I think that there are few diagnostic markers for any condition that are 100% specific and 100% sensitive, so something in the 90s would be great. But of course there are probably subgroups, and co-morbidities (which will be more numerous the later the diagnosis is attempted), and there is always the inescapable circularity/tautology of having to rely on incomplete knowledge and having to make assumptions, which themselves may not be correct!
This is not unique to ME, and we will never have a perfect solution.
It keeps scientists in work at least.
Agree with that,esp the circularity of not having a validated gold standard.
90%+ is pretty good, but with one caveat:
Doctors don't usually have problems distinguishing between ME/CFS patients and healthy sedentary controls so the issue is specificity. Would be great to have a test that reliably distinguishes between ME/CFS and and other chronically fatiguing illnesses.
It is important to note that these studies don't imply any directionality. The brain changes may simply reflect the changes in the body, since we are talking about two parts of a single system.
Similarly exciting changes in brain activity can be measured before and after a thirsty person has a drink.

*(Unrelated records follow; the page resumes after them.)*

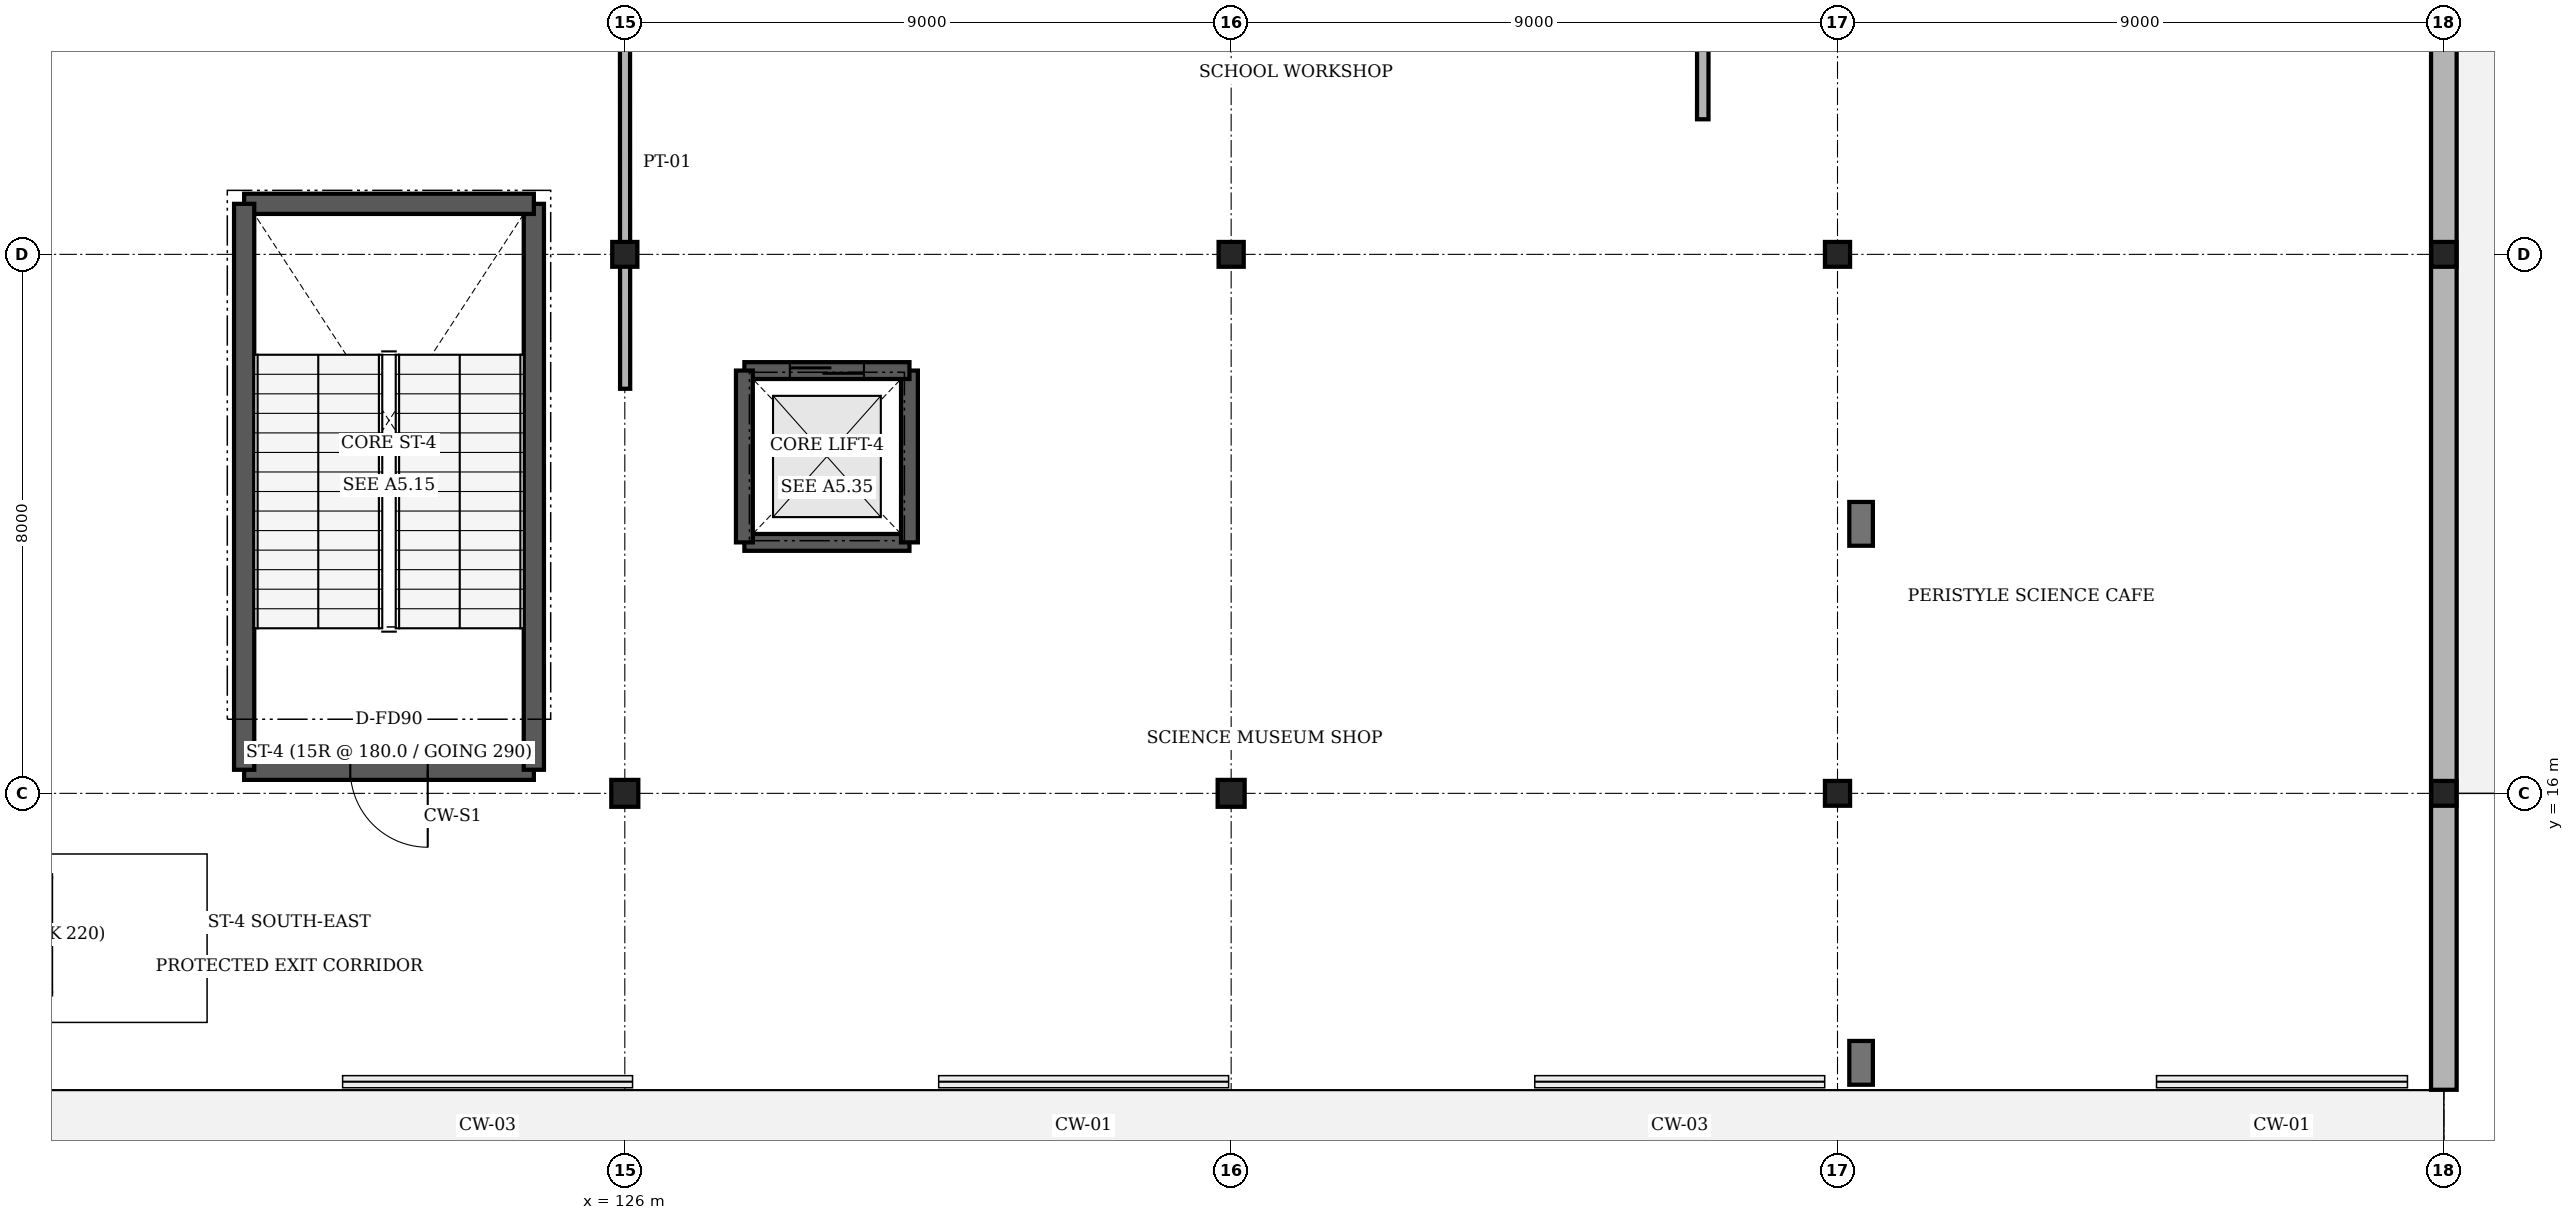
"""IFC4 building model, lengths in metres.
Left out: names, types, materials, properties, quantities, classifications, styles, units other than length and angle.
Written with IfcOpenShell. Run it as: python <this file> out.ifc"""

import sys

from ifc_helpers import new_model, si_unit, direction, frame, frame_2d, origin, origin_2d, place, context, subcontext, project, spatial, rectangle, i_section, extrude, element, fill, save


model = new_model("IFC4")
c1 = context("Model", 3, precision=1e-05, world=origin(), true_north=direction((0.0, 1.0)))
c2 = subcontext(c1, "Body", "Model", "MODEL_VIEW")
j1 = project(units=[si_unit("LENGTHUNIT", "METRE"), si_unit("PLANEANGLEUNIT", "RADIAN")], contexts=[c1])
p1 = place(None, origin())
s1 = spatial("IfcSite", under=j1, at=p1, CompositionType="ELEMENT")
p2 = place(p1, origin())
s2 = spatial("IfcBuilding", under=s1, at=p2, CompositionType="ELEMENT")
p3 = place(p2, origin())
s3 = spatial("IfcBuildingStorey", under=s2, at=p3, CompositionType="ELEMENT", Elevation=0.0)
p4 = place(p3, frame((126.0, 16.0, 0.0), z_axis=(0.0, 0.0, 1.0), x_axis=(1.0, 0.0, 0.0)))
e1 = element("IfcColumn", 1, at=p4, inside=s3, PredefinedType="COLUMN", context=c2, shape_type="SweptSolid", body=[
    extrude(i_section(OverallWidth=0.401, OverallDepth=0.399, WebThickness=0.025, FlangeThickness=0.04, FilletRadius=0.015, at=origin_2d()), origin(), (0.0, 0.0, 1.0), 5.4),
])
p5 = place(p3, frame((126.0, 24.0, 0.0), z_axis=(0.0, 0.0, 1.0), x_axis=(1.0, 0.0, 0.0)))
e2 = element("IfcColumn", 2, at=p5, inside=s3, PredefinedType="COLUMN", context=c2, shape_type="SweptSolid", body=[
    extrude(i_section(OverallWidth=0.373, OverallDepth=0.368, WebThickness=0.015, FlangeThickness=0.024, FilletRadius=0.015, at=origin_2d()), origin(), (0.0, 0.0, 1.0), 5.4),
])
p6 = place(p3, frame((135.0, 16.0, 0.0), z_axis=(0.0, 0.0, 1.0), x_axis=(1.0, 0.0, 0.0)))
e3 = element("IfcColumn", 3, at=p6, inside=s3, PredefinedType="COLUMN", context=c2, shape_type="SweptSolid", body=[
    extrude(i_section(OverallWidth=0.401, OverallDepth=0.399, WebThickness=0.025, FlangeThickness=0.04, FilletRadius=0.015, at=origin_2d()), origin(), (0.0, 0.0, 1.0), 5.4),
])
for number, where, z_axis, x_axis in (
    (4, (135.0, 24.0, 0.0), (0.0, 0.0, 1.0), (1.0, 0.0, 0.0)),
    (5, (144.0, 16.0, 0.0), (0.0, 0.0, 1.0), (1.0, 0.0, 0.0)),
    (6, (144.0, 24.0, 0.0), (0.0, 0.0, 1.0), (1.0, 0.0, 0.0)),
    (7, (153.0, 16.0, 0.0), (0.0, 0.0, 1.0), (1.0, 0.0, 0.0)),
    (8, (153.0, 24.0, 0.0), (0.0, 0.0, 1.0), (1.0, 0.0, 0.0)),
):
    element("IfcColumn", number, at=place(p3, frame(where, z_axis=z_axis, x_axis=x_axis)), inside=s3, PredefinedType="COLUMN", context=c2, shape_type="SweptSolid", body=[
        extrude(i_section(OverallWidth=0.373, OverallDepth=0.368, WebThickness=0.015, FlangeThickness=0.024, FilletRadius=0.015, at=origin_2d()), origin(), (0.0, 0.0, 1.0), 5.4),
    ])
for number, where, z_axis, x_axis in (
    (9, (144.35, 12.0, 0.0), (0.0, 0.0, 1.0), (0.0, 1.0, 0.0)),
    (10, (144.35, 20.0, 0.0), (0.0, 0.0, 1.0), (0.0, 1.0, 0.0)),
):
    element("IfcColumn", number, at=place(p3, frame(where, z_axis=z_axis, x_axis=x_axis)), inside=s3, PredefinedType="PILASTER", context=c2, shape_type="SweptSolid", body=[
        extrude(rectangle(XDim=0.65, YDim=0.35, at=origin_2d()), origin(), (0.0, 0.0, 1.0), 5.4),
    ])
p7 = place(p3, frame((153.0, 56.0, 0.0), z_axis=(0.0, 0.0, 1.0), x_axis=(0.0, -1.0, 0.0)))
e11 = element("IfcWall", 11, at=p7, inside=s3, PredefinedType="SOLIDWALL", context=c2, shape_type="SweptSolid", body=[
    extrude(rectangle(XDim=44.4, YDim=0.38, at=frame_2d((22.2, 0.0))), origin(), (0.0, 0.0, 1.0), 4.166),
])
p8 = place(p7, frame((21.2, 0.0, 0.0)))
e12 = element("IfcOpeningElement", 12, at=p8, cuts=e11, PredefinedType="OPENING", context=c2, shape_type="SweptSolid", body=[
    extrude(rectangle(XDim=2.0, YDim=2.4, at=frame_2d((1.0, 1.2))), frame((0.0, 0.2, 0.0), z_axis=(0.0, -1.0, 0.0), x_axis=(1.0, 0.0, 0.0)), (0.0, 0.0, 1.0), 0.4),
])
p9 = place(p3, frame((124.65, 16.35, 0.0), z_axis=(0.0, 0.0, 1.0), x_axis=(-1.0, 0.0, 0.0)))
e13 = element("IfcWall", 13, at=p9, inside=s3, PredefinedType="SOLIDWALL", context=c2, shape_type="SweptSolid", body=[
    extrude(rectangle(XDim=4.3, YDim=0.3, at=frame_2d((2.15, 0.0))), origin(), (0.0, 0.0, 1.0), 5.4),
])
p10 = place(p9, frame((1.575, 0.0, 0.0)))
e14 = element("IfcOpeningElement", 14, at=p10, cuts=e13, PredefinedType="OPENING", context=c2, shape_type="SweptSolid", body=[
    extrude(rectangle(XDim=1.15, YDim=2.2, at=frame_2d((0.575, 1.1))), frame((0.0, 0.16, 0.0), z_axis=(0.0, -1.0, 0.0), x_axis=(1.0, 0.0, 0.0)), (0.0, 0.0, 1.0), 0.32),
])
p11 = place(p3, frame((124.65, 16.35, 0.0), z_axis=(0.0, 0.0, 1.0), x_axis=(0.0, 1.0, 0.0)))
e15 = element("IfcWall", 15, at=p11, inside=s3, PredefinedType="SOLIDWALL", context=c2, shape_type="SweptSolid", body=[
    extrude(rectangle(XDim=8.4, YDim=0.3, at=frame_2d((4.2, 0.0))), origin(), (0.0, 0.0, 1.0), 5.4),
])
p12 = place(p3, frame((124.65, 24.75, 0.0), z_axis=(0.0, 0.0, 1.0), x_axis=(-1.0, 0.0, 0.0)))
e16 = element("IfcWall", 16, at=p12, inside=s3, PredefinedType="SOLIDWALL", context=c2, shape_type="SweptSolid", body=[
    extrude(rectangle(XDim=4.3, YDim=0.3, at=frame_2d((2.15, 0.0))), origin(), (0.0, 0.0, 1.0), 5.4),
])
p13 = place(p3, frame((120.35, 16.35, 0.0), z_axis=(0.0, 0.0, 1.0), x_axis=(0.0, 1.0, 0.0)))
e17 = element("IfcWall", 17, at=p13, inside=s3, PredefinedType="SOLIDWALL", context=c2, shape_type="SweptSolid", body=[
    extrude(rectangle(XDim=8.4, YDim=0.3, at=frame_2d((4.2, 0.0))), origin(), (0.0, 0.0, 1.0), 5.4),
])
p14 = place(p3, frame((127.775, 19.725, 0.0), z_axis=(0.0, 0.0, 1.0), x_axis=(1.0, 0.0, 0.0)))
e18 = element("IfcWall", 18, at=p14, inside=s3, PredefinedType="SOLIDWALL", context=c2, shape_type="SweptSolid", body=[
    extrude(rectangle(XDim=2.45, YDim=0.25, at=frame_2d((1.225, 0.0))), origin(), (0.0, 0.0, 1.0), 5.4),
])
p15 = place(p3, frame((130.225, 19.725, 0.0), z_axis=(0.0, 0.0, 1.0), x_axis=(0.0, 1.0, 0.0)))
e19 = element("IfcWall", 19, at=p15, inside=s3, PredefinedType="SOLIDWALL", context=c2, shape_type="SweptSolid", body=[
    extrude(rectangle(XDim=2.55, YDim=0.25, at=frame_2d((1.275, 0.0))), origin(), (0.0, 0.0, 1.0), 5.4),
])
p16 = place(p3, frame((130.225, 22.275, 0.0), z_axis=(0.0, 0.0, 1.0), x_axis=(-1.0, 0.0, 0.0)))
e20 = element("IfcWall", 20, at=p16, inside=s3, PredefinedType="SOLIDWALL", context=c2, shape_type="SweptSolid", body=[
    extrude(rectangle(XDim=2.45, YDim=0.25, at=frame_2d((1.225, 0.0))), origin(), (0.0, 0.0, 1.0), 5.4),
])
p17 = place(p16, frame((0.675, 0.0, 0.0)))
e21 = element("IfcOpeningElement", 21, at=p17, cuts=e20, PredefinedType="OPENING", context=c2, shape_type="SweptSolid", body=[
    extrude(rectangle(XDim=1.1, YDim=2.2, at=frame_2d((0.55, 1.1))), frame((0.0, 0.135, 0.0), z_axis=(0.0, -1.0, 0.0), x_axis=(1.0, 0.0, 0.0)), (0.0, 0.0, 1.0), 0.27),
])
p18 = place(p3, frame((127.775, 22.275, 0.0), z_axis=(0.0, 0.0, 1.0), x_axis=(0.0, -1.0, 0.0)))
e22 = element("IfcWall", 22, at=p18, inside=s3, PredefinedType="SOLIDWALL", context=c2, shape_type="SweptSolid", body=[
    extrude(rectangle(XDim=2.55, YDim=0.25, at=frame_2d((1.275, 0.0))), origin(), (0.0, 0.0, 1.0), 5.4),
])
p19 = place(p3, frame((126.005, 22.005, 0.0), z_axis=(0.0, 0.0, 1.0), x_axis=(-0.000407232415, 0.999999917081, 0.0)))
e23 = element("IfcWall", 23, at=p19, inside=s3, PredefinedType="PARTITIONING", context=c2, shape_type="SweptSolid", body=[
    extrude(rectangle(XDim=11.99, YDim=0.15, at=frame_2d((5.995, 0.0))), origin(), (0.0, 0.0, 1.0), 3.15),
])
p20 = place(p19, frame((5.145, 0.0, 0.0)))
e24 = element("IfcOpeningElement", 24, at=p20, cuts=e23, PredefinedType="OPENING", context=c2, shape_type="SweptSolid", body=[
    extrude(rectangle(XDim=1.7, YDim=2.3, at=frame_2d((0.85, 1.15))), frame((0.0, 0.085, 0.0), z_axis=(0.0, -1.0, 0.0), x_axis=(1.0, 0.0, 0.0)), (0.0, 0.0, 1.0), 0.17),
])
p21 = place(p3, frame((142.0, 26.005, 0.0), z_axis=(0.0, 0.0, 1.0), x_axis=(0.000465246065, 0.999999891773, 0.0)))
e25 = element("IfcWall", 25, at=p21, inside=s3, PredefinedType="PARTITIONING", context=c2, shape_type="SweptSolid", body=[
    extrude(rectangle(XDim=10.495, YDim=0.17, at=frame_2d((5.248, 0.0))), origin(), (0.0, 0.0, 1.0), 3.15),
])
p22 = place(p21, frame((6.856, 0.0, 0.0)))
e26 = element("IfcOpeningElement", 26, at=p22, cuts=e25, PredefinedType="OPENING", context=c2, shape_type="SweptSolid", body=[
    extrude(rectangle(XDim=1.4, YDim=2.25, at=frame_2d((0.7, 1.125))), frame((0.0, 0.095, 0.0), z_axis=(0.0, -1.0, 0.0), x_axis=(1.0, 0.0, 0.0)), (0.0, 0.0, 1.0), 0.19),
])
p23 = place(p10, origin())
e27 = element("IfcDoor", 27, at=p23, inside=s3, OperationType="SINGLE_SWING_LEFT", PredefinedType="DOOR", context=c2, shape_type="SweptSolid", body=[
    extrude(rectangle(XDim=1.15, YDim=2.2, at=frame_2d((0.575, 1.1))), frame((0.0, 0.025, 0.0), z_axis=(0.0, -1.0, 0.0), x_axis=(1.0, 0.0, 0.0)), (0.0, 0.0, 1.0), 0.05),
])
fill(e14, e27)
p24 = place(p17, origin())
e28 = element("IfcDoor", 28, at=p24, inside=s3, OperationType="SLIDING_TO_LEFT", PredefinedType="DOOR", context=c2, shape_type="SweptSolid", body=[
    extrude(rectangle(XDim=1.1, YDim=2.2, at=frame_2d((0.55, 1.1))), frame((0.0, 0.025, 0.0), z_axis=(0.0, -1.0, 0.0), x_axis=(1.0, 0.0, 0.0)), (0.0, 0.0, 1.0), 0.05),
])
fill(e21, e28)
save(model, sys.argv[1])

The problem I have with these brain imaging studies is they tell us very little about potential treatments.
I'm a bit puzzled by this. Measuring differences in brain activity during a congitive test, compared with baseline, seems a reasonable way to identify brain areas that might be involved in that test. Or have I missed something?
My bigger concern is whether the findings are real and replicable.
Isn't that what would be expected? Given the fundamental importance of water to a thirsty person, I would have predicted exciting changes in brain activity in response to a drink.
The authors are arguing that their fMRI test separates the patients into meaningful subgroups, which will aid research:
I'm disappointed to see here what seems like Snell waffling-- or, even more disappointing, what seems like Snell trying to confuse the issue.
I think the two-day exercise test is so important because it demonstrates that THERE EXIST people whose VO2 max drops on the second day. Because of this, you could consider PEM to be a clinical entity in itself. Everything I read up until this (Snell waffling) seems consistent with that.
--PEM defined that way might be unique to people who seem to have something wrong with them but do not have another disease label other than Fukuda etc. Thus: a new clinical entity.
--PEM defined that way might turn out to be a symptom shared by some/all CFS people with (say) MS and/or cardiomyopathy and/or ALS or who knows. This would be evidence for something severely wrong with CFS people and would suggest what it might be.
--PEM defined that way is evidence that people with PEM will be made worse or killed by exercise. That is most definitely a treatment suggestion.
It would work best for our purposes if someone simply divided people into two groups-- those whose VO2 max falls on second day and those who don't, and then study the first group.
Of course this happens in those lab(s) that test a large number of private individuals for disability. What is happening to that evidence?
Simon, would it be possible for you to write a summary from this perspective? (I am completely confused by the different labs, different studies, different buzz words, etc. even though there seems to be a very limited number of labs/studies.) Thanks for your analysis so far. I'm terrified that something apparently so clear-cut is going to get obfuscated out of existence, and that it is already too complex for the casual reader.